Sin que la Internacional se incline por ninguno de los dos campos, estalla la Guerra franco-prusiana, que
une a los internacionales en una vana lucha pacifista. Para ellos, la guerra es un acto criminal organizado
por la burguesía, y fruto de sus intereses conflictivos. Proclamada la república en Francia, Bakunin se
precipita “a abolir el estado” en Lyon, con otros correligionarios suyos. El intento fracasa
tragicómicamente, pero en París estalla la revuelta de la Comuna, el 18 de marzo de 1870. Los
internacionales de París animan la revolución, aunque sean minoría en el Consejo de la Comuna.

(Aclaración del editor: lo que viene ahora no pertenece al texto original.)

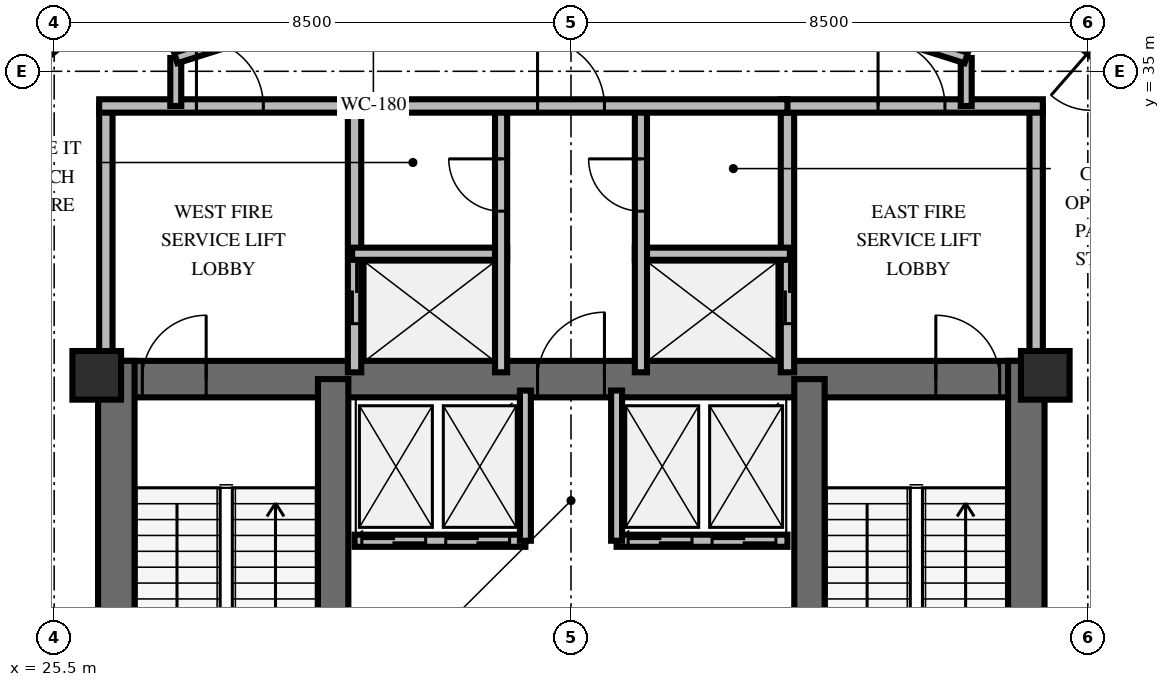
"""IFC4 building model, lengths in metres.
Left out: names, types, materials, properties, quantities, classifications, styles, units other than length and angle.
Written with IfcOpenShell. Run it as: python <this file> out.ifc"""

import sys

from ifc_helpers import new_model, si_unit, direction, frame, frame_2d, origin, origin_2d, place, context, subcontext, project, spatial, rectangle, extrude, element, fill, save


model = new_model("IFC4")
c1 = context("Model", 3, precision=1e-05, world=origin(), true_north=direction((0.0, 1.0)))
c2 = subcontext(c1, "Body", "Model", "MODEL_VIEW")
j1 = project(units=[si_unit("LENGTHUNIT", "METRE"), si_unit("PLANEANGLEUNIT", "RADIAN")], contexts=[c1])
p1 = place(None, origin())
s1 = spatial("IfcSite", under=j1, at=p1, CompositionType="ELEMENT")
p2 = place(p1, origin())
s2 = spatial("IfcBuilding", under=s1, at=p2, CompositionType="ELEMENT")
p3 = place(p2, frame((0.0, 0.0, 273.6)))
s3 = spatial("IfcBuildingStorey", under=s2, at=p3, CompositionType="ELEMENT", Elevation=273.6)
p4 = place(p3, frame((26.222, 29.938, 0.0), z_axis=(0.0, 0.0, 1.0), x_axis=(1.0, 0.0, 0.0)))
e1 = element("IfcWall", 1, at=p4, inside=s3, PredefinedType="SHEAR", context=c2, shape_type="SweptSolid", body=[
    extrude(rectangle(XDim=15.566, YDim=0.6, at=frame_2d((7.783, 0.0))), origin(), (0.0, 0.0, 1.0), 3.6),
])
p5 = place(p4, frame((0.728, 0.0, 0.0)))
e2 = element("IfcOpeningElement", 2, at=p5, cuts=e1, PredefinedType="OPENING", context=c2, shape_type="SweptSolid", body=[
    extrude(rectangle(XDim=1.05, YDim=2.15, at=frame_2d((0.525, 1.075))), frame((0.0, 0.31, 0.0), z_axis=(0.0, -1.0, 0.0), x_axis=(1.0, 0.0, 0.0)), (0.0, 0.0, 1.0), 0.62),
])
p6 = place(p4, frame((13.778, 0.0, 0.0)))
e3 = element("IfcOpeningElement", 3, at=p6, cuts=e1, PredefinedType="OPENING", context=c2, shape_type="SweptSolid", body=[
    extrude(rectangle(XDim=1.05, YDim=2.15, at=frame_2d((0.525, 1.075))), frame((0.0, 0.31, 0.0), z_axis=(0.0, -1.0, 0.0), x_axis=(1.0, 0.0, 0.0)), (0.0, 0.0, 1.0), 0.62),
])
p7 = place(p4, frame((7.228, 0.0, 0.0)))
e4 = element("IfcOpeningElement", 4, at=p7, cuts=e1, PredefinedType="OPENING", context=c2, shape_type="SweptSolid", body=[
    extrude(rectangle(XDim=1.1, YDim=2.15, at=frame_2d((0.55, 1.075))), frame((0.0, 0.31, 0.0), z_axis=(0.0, -1.0, 0.0), x_axis=(1.0, 0.0, 0.0)), (0.0, 0.0, 1.0), 0.62),
])
for number, where, z_axis, x_axis in (
    (5, (26.522, 19.962, 0.0), (0.0, 0.0, 1.0), (0.0, 1.0, 0.0)),
    (6, (41.488, 19.962, 0.0), (0.0, 0.0, 1.0), (0.0, 1.0, 0.0)),
):
    element("IfcWall", number, at=place(p3, frame(where, z_axis=z_axis, x_axis=x_axis)), inside=s3, PredefinedType="SHEAR", context=c2, shape_type="SweptSolid", body=[
        extrude(rectangle(XDim=10.276, YDim=0.6, at=frame_2d((5.138, 0.0))), origin(), (0.0, 0.0, 1.0), 3.6),
    ])
for number, where, z_axis, x_axis in (
    (7, (30.088, 20.262, 0.0), (0.0, 0.0, 1.0), (0.0, 1.0, 0.0)),
    (8, (37.922, 20.262, 0.0), (0.0, 0.0, 1.0), (0.0, 1.0, 0.0)),
):
    element("IfcWall", number, at=place(p3, frame(where, z_axis=z_axis, x_axis=x_axis)), inside=s3, PredefinedType="SHEAR", context=c2, shape_type="SweptSolid", body=[
        extrude(rectangle(XDim=9.676, YDim=0.5, at=frame_2d((4.838, 0.0))), origin(), (0.0, 0.0, 1.0), 3.6),
    ])
for number, where, z_axis, x_axis in (
    (9, (26.2, 30.0, 0.0), (0.0, 0.0, 1.0), (1.0, 0.0, 0.0)),
    (10, (41.8, 30.0, 0.0), (0.0, 0.0, 1.0), (1.0, 0.0, 0.0)),
):
    element("IfcColumn", number, at=place(p3, frame(where, z_axis=z_axis, x_axis=x_axis)), inside=s3, PredefinedType="PILASTER", context=c2, shape_type="SweptSolid", body=[
        extrude(rectangle(XDim=0.8, YDim=0.8, at=origin_2d()), origin(), (0.0, 0.0, 1.0), 3.6),
    ])
p8 = place(p3, frame((26.35, 30.05, 0.0), z_axis=(0.0, 0.0, 1.0), x_axis=(0.0, 1.0, 0.0)))
e11 = element("IfcWall", 11, at=p8, inside=s3, PredefinedType="SOLIDWALL", context=c2, shape_type="SweptSolid", body=[
    extrude(rectangle(XDim=4.38, YDim=0.22, at=frame_2d((2.19, 0.0))), origin(), (0.0, 0.0, 1.0), 2.46),
])
p9 = place(p3, frame((30.44, 30.05, 0.0), z_axis=(0.0, 0.0, 1.0), x_axis=(0.0, 1.0, 0.0)))
e12 = element("IfcWall", 12, at=p9, inside=s3, PredefinedType="SOLIDWALL", context=c2, shape_type="SweptSolid", body=[
    extrude(rectangle(XDim=4.38, YDim=0.22, at=frame_2d((2.19, 0.0))), origin(), (0.0, 0.0, 1.0), 2.46),
])
p10 = place(p9, frame((0.8, 0.0, 0.0)))
e13 = element("IfcOpeningElement", 13, at=p10, cuts=e12, PredefinedType="OPENING", context=c2, shape_type="SweptSolid", body=[
    extrude(rectangle(XDim=1.05, YDim=2.1, at=frame_2d((0.525, 1.05))), frame((0.0, 0.12, 0.0), z_axis=(0.0, -1.0, 0.0), x_axis=(1.0, 0.0, 0.0)), (0.0, 0.0, 1.0), 0.24),
])
p11 = place(p3, frame((26.24, 34.43, 0.0), z_axis=(0.0, 0.0, 1.0), x_axis=(1.0, 0.0, 0.0)))
e14 = element("IfcWall", 14, at=p11, inside=s3, PredefinedType="SOLIDWALL", context=c2, shape_type="SweptSolid", body=[
    extrude(rectangle(XDim=4.31, YDim=0.22, at=frame_2d((2.155, 0.0))), origin(), (0.0, 0.0, 1.0), 2.46),
])
p12 = place(p11, frame((1.6, 0.0, 0.0)))
e15 = element("IfcOpeningElement", 15, at=p12, cuts=e14, PredefinedType="OPENING", context=c2, shape_type="SweptSolid", body=[
    extrude(rectangle(XDim=1.1, YDim=2.15, at=frame_2d((0.55, 1.075))), frame((0.0, 0.12, 0.0), z_axis=(0.0, -1.0, 0.0), x_axis=(1.0, 0.0, 0.0)), (0.0, 0.0, 1.0), 0.24),
])
p13 = place(p3, frame((30.4, 32.0, 0.0), z_axis=(0.0, 0.0, 1.0), x_axis=(1.0, 0.0, 0.0)))
e16 = element("IfcWall", 16, at=p13, inside=s3, PredefinedType="SOLIDWALL", context=c2, shape_type="SweptSolid", body=[
    extrude(rectangle(XDim=2.55, YDim=0.2, at=frame_2d((1.275, 0.0))), origin(), (0.0, 0.0, 1.0), 2.46),
])
p14 = place(p3, frame((32.85, 30.05, 0.0), z_axis=(0.0, 0.0, 1.0), x_axis=(0.0, 1.0, 0.0)))
e17 = element("IfcWall", 17, at=p14, inside=s3, PredefinedType="SOLIDWALL", context=c2, shape_type="SweptSolid", body=[
    extrude(rectangle(XDim=4.38, YDim=0.2, at=frame_2d((2.19, 0.0))), origin(), (0.0, 0.0, 1.0), 2.46),
])
p15 = place(p14, frame((2.65, 0.0, 0.0)))
e18 = element("IfcOpeningElement", 18, at=p15, cuts=e17, PredefinedType="OPENING", context=c2, shape_type="SweptSolid", body=[
    extrude(rectangle(XDim=0.86, YDim=2.05, at=frame_2d((0.43, 1.025))), frame((0.0, 0.11, 0.0), z_axis=(0.0, -1.0, 0.0), x_axis=(1.0, 0.0, 0.0)), (0.0, 0.0, 1.0), 0.22),
])
p16 = place(p3, frame((37.56, 30.05, 0.0), z_axis=(0.0, 0.0, 1.0), x_axis=(0.0, 1.0, 0.0)))
e19 = element("IfcWall", 19, at=p16, inside=s3, PredefinedType="SOLIDWALL", context=c2, shape_type="SweptSolid", body=[
    extrude(rectangle(XDim=4.38, YDim=0.22, at=frame_2d((2.19, 0.0))), origin(), (0.0, 0.0, 1.0), 2.46),
])
p17 = place(p16, frame((0.8, 0.0, 0.0)))
e20 = element("IfcOpeningElement", 20, at=p17, cuts=e19, PredefinedType="OPENING", context=c2, shape_type="SweptSolid", body=[
    extrude(rectangle(XDim=1.05, YDim=2.1, at=frame_2d((0.525, 1.05))), frame((0.0, 0.12, 0.0), z_axis=(0.0, -1.0, 0.0), x_axis=(1.0, 0.0, 0.0)), (0.0, 0.0, 1.0), 0.24),
])
p18 = place(p3, frame((41.65, 30.05, 0.0), z_axis=(0.0, 0.0, 1.0), x_axis=(0.0, 1.0, 0.0)))
e21 = element("IfcWall", 21, at=p18, inside=s3, PredefinedType="SOLIDWALL", context=c2, shape_type="SweptSolid", body=[
    extrude(rectangle(XDim=4.38, YDim=0.22, at=frame_2d((2.19, 0.0))), origin(), (0.0, 0.0, 1.0), 2.46),
])
p19 = place(p3, frame((37.45, 34.43, 0.0), z_axis=(0.0, 0.0, 1.0), x_axis=(1.0, 0.0, 0.0)))
e22 = element("IfcWall", 22, at=p19, inside=s3, PredefinedType="SOLIDWALL", context=c2, shape_type="SweptSolid", body=[
    extrude(rectangle(XDim=4.31, YDim=0.22, at=frame_2d((2.155, 0.0))), origin(), (0.0, 0.0, 1.0), 2.46),
])
p20 = place(p19, frame((1.6, 0.0, 0.0)))
e23 = element("IfcOpeningElement", 23, at=p20, cuts=e22, PredefinedType="OPENING", context=c2, shape_type="SweptSolid", body=[
    extrude(rectangle(XDim=1.1, YDim=2.15, at=frame_2d((0.55, 1.075))), frame((0.0, 0.12, 0.0), z_axis=(0.0, -1.0, 0.0), x_axis=(1.0, 0.0, 0.0)), (0.0, 0.0, 1.0), 0.24),
])
p21 = place(p3, frame((35.05, 32.0, 0.0), z_axis=(0.0, 0.0, 1.0), x_axis=(1.0, 0.0, 0.0)))
e24 = element("IfcWall", 24, at=p21, inside=s3, PredefinedType="SOLIDWALL", context=c2, shape_type="SweptSolid", body=[
    extrude(rectangle(XDim=2.55, YDim=0.2, at=frame_2d((1.275, 0.0))), origin(), (0.0, 0.0, 1.0), 2.46),
])
p22 = place(p3, frame((35.15, 30.05, 0.0), z_axis=(0.0, 0.0, 1.0), x_axis=(0.0, 1.0, 0.0)))
e25 = element("IfcWall", 25, at=p22, inside=s3, PredefinedType="SOLIDWALL", context=c2, shape_type="SweptSolid", body=[
    extrude(rectangle(XDim=4.38, YDim=0.2, at=frame_2d((2.19, 0.0))), origin(), (0.0, 0.0, 1.0), 2.46),
])
p23 = place(p22, frame((2.65, 0.0, 0.0)))
e26 = element("IfcOpeningElement", 26, at=p23, cuts=e25, PredefinedType="OPENING", context=c2, shape_type="SweptSolid", body=[
    extrude(rectangle(XDim=0.86, YDim=2.05, at=frame_2d((0.43, 1.025))), frame((0.0, 0.11, 0.0), z_axis=(0.0, -1.0, 0.0), x_axis=(1.0, 0.0, 0.0)), (0.0, 0.0, 1.0), 0.22),
])
p24 = place(p3, frame((30.44, 34.43, 0.0), z_axis=(0.0, 0.0, 1.0), x_axis=(1.0, 0.0, 0.0)))
e27 = element("IfcWall", 27, at=p24, inside=s3, PredefinedType="SOLIDWALL", context=c2, shape_type="SweptSolid", body=[
    extrude(rectangle(XDim=7.12, YDim=0.22, at=frame_2d((3.56, 0.0))), origin(), (0.0, 0.0, 1.0), 2.46),
])
p25 = place(p24, frame((3.01, 0.0, 0.0)))
e28 = element("IfcOpeningElement", 28, at=p25, cuts=e27, PredefinedType="OPENING", context=c2, shape_type="SweptSolid", body=[
    extrude(rectangle(XDim=1.1, YDim=2.15, at=frame_2d((0.55, 1.075))), frame((0.0, 0.12, 0.0), z_axis=(0.0, -1.0, 0.0), x_axis=(1.0, 0.0, 0.0)), (0.0, 0.0, 1.0), 0.24),
])
p26 = place(p3, frame((30.44, 27.28, 0.0), z_axis=(0.0, 0.0, 1.0), x_axis=(1.0, 0.0, 0.0)))
e29 = element("IfcWall", 29, at=p26, inside=s3, PredefinedType="SOLIDWALL", context=c2, shape_type="SweptSolid", body=[
    extrude(rectangle(XDim=2.81, YDim=0.2, at=frame_2d((1.405, 0.0))), origin(), (0.0, 0.0, 1.0), 2.46),
])
p27 = place(p26, frame((0.12, 0.0, 0.0)))
e30 = element("IfcOpeningElement", 30, at=p27, cuts=e29, PredefinedType="OPENING", context=c2, shape_type="SweptSolid", body=[
    extrude(rectangle(XDim=1.05, YDim=2.1, at=frame_2d((0.525, 1.05))), frame((0.0, 0.11, 0.0), z_axis=(0.0, -1.0, 0.0), x_axis=(1.0, 0.0, 0.0)), (0.0, 0.0, 1.0), 0.22),
])
p28 = place(p26, frame((1.5, 0.0, 0.0)))
e31 = element("IfcOpeningElement", 31, at=p28, cuts=e29, PredefinedType="OPENING", context=c2, shape_type="SweptSolid", body=[
    extrude(rectangle(XDim=1.05, YDim=2.1, at=frame_2d((0.525, 1.05))), frame((0.0, 0.11, 0.0), z_axis=(0.0, -1.0, 0.0), x_axis=(1.0, 0.0, 0.0)), (0.0, 0.0, 1.0), 0.22),
])
p29 = place(p3, frame((33.25, 27.28, 0.0), z_axis=(0.0, 0.0, 1.0), x_axis=(0.0, 1.0, 0.0)))
e32 = element("IfcWall", 32, at=p29, inside=s3, PredefinedType="SOLIDWALL", context=c2, shape_type="SweptSolid", body=[
    extrude(rectangle(XDim=2.47, YDim=0.18, at=frame_2d((1.235, 0.0))), origin(), (0.0, 0.0, 1.0), 2.46),
])
p30 = place(p3, frame((34.75, 27.28, 0.0), z_axis=(0.0, 0.0, 1.0), x_axis=(1.0, 0.0, 0.0)))
e33 = element("IfcWall", 33, at=p30, inside=s3, PredefinedType="SOLIDWALL", context=c2, shape_type="SweptSolid", body=[
    extrude(rectangle(XDim=2.81, YDim=0.2, at=frame_2d((1.405, 0.0))), origin(), (0.0, 0.0, 1.0), 2.46),
])
p31 = place(p30, frame((0.19, 0.0, 0.0)))
e34 = element("IfcOpeningElement", 34, at=p31, cuts=e33, PredefinedType="OPENING", context=c2, shape_type="SweptSolid", body=[
    extrude(rectangle(XDim=1.05, YDim=2.1, at=frame_2d((0.525, 1.05))), frame((0.0, 0.11, 0.0), z_axis=(0.0, -1.0, 0.0), x_axis=(1.0, 0.0, 0.0)), (0.0, 0.0, 1.0), 0.22),
])
p32 = place(p30, frame((1.57, 0.0, 0.0)))
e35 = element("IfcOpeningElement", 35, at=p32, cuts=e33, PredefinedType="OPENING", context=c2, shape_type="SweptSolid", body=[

Parcialmente a causa de ello, la Asociación Internacional de Trabajadores sufre una crisis final. Las
facciones la dividen y el terror de los gobiernos europeos ante la revuelta parisiense envuelve a los
internacionales en una atmósfera de represión. En condiciones muy precarias, con pocos delegados, tiene
lugar entonces la Conferencia de Londres, en 1871, en la que Marx hace triunfar su criterio, a pesar de la
oposición de varios delegados.
Marx proponía la constitución de un partido político del proletariado, única solución para conseguir la
supresión definitiva de las clases sociales. El proletariado debía politizarse: de lo contrario estaría fuera de
combate antes de entrar en la lucha. Naturalmente, estas posiciones eran inaceptables para los
anarquistas, máximos campeones del apoliticismo proletario. La escisión final, y con ello la disolución de
la primera Internacional obrera, se consuma en el Congreso de La Haya de 1872.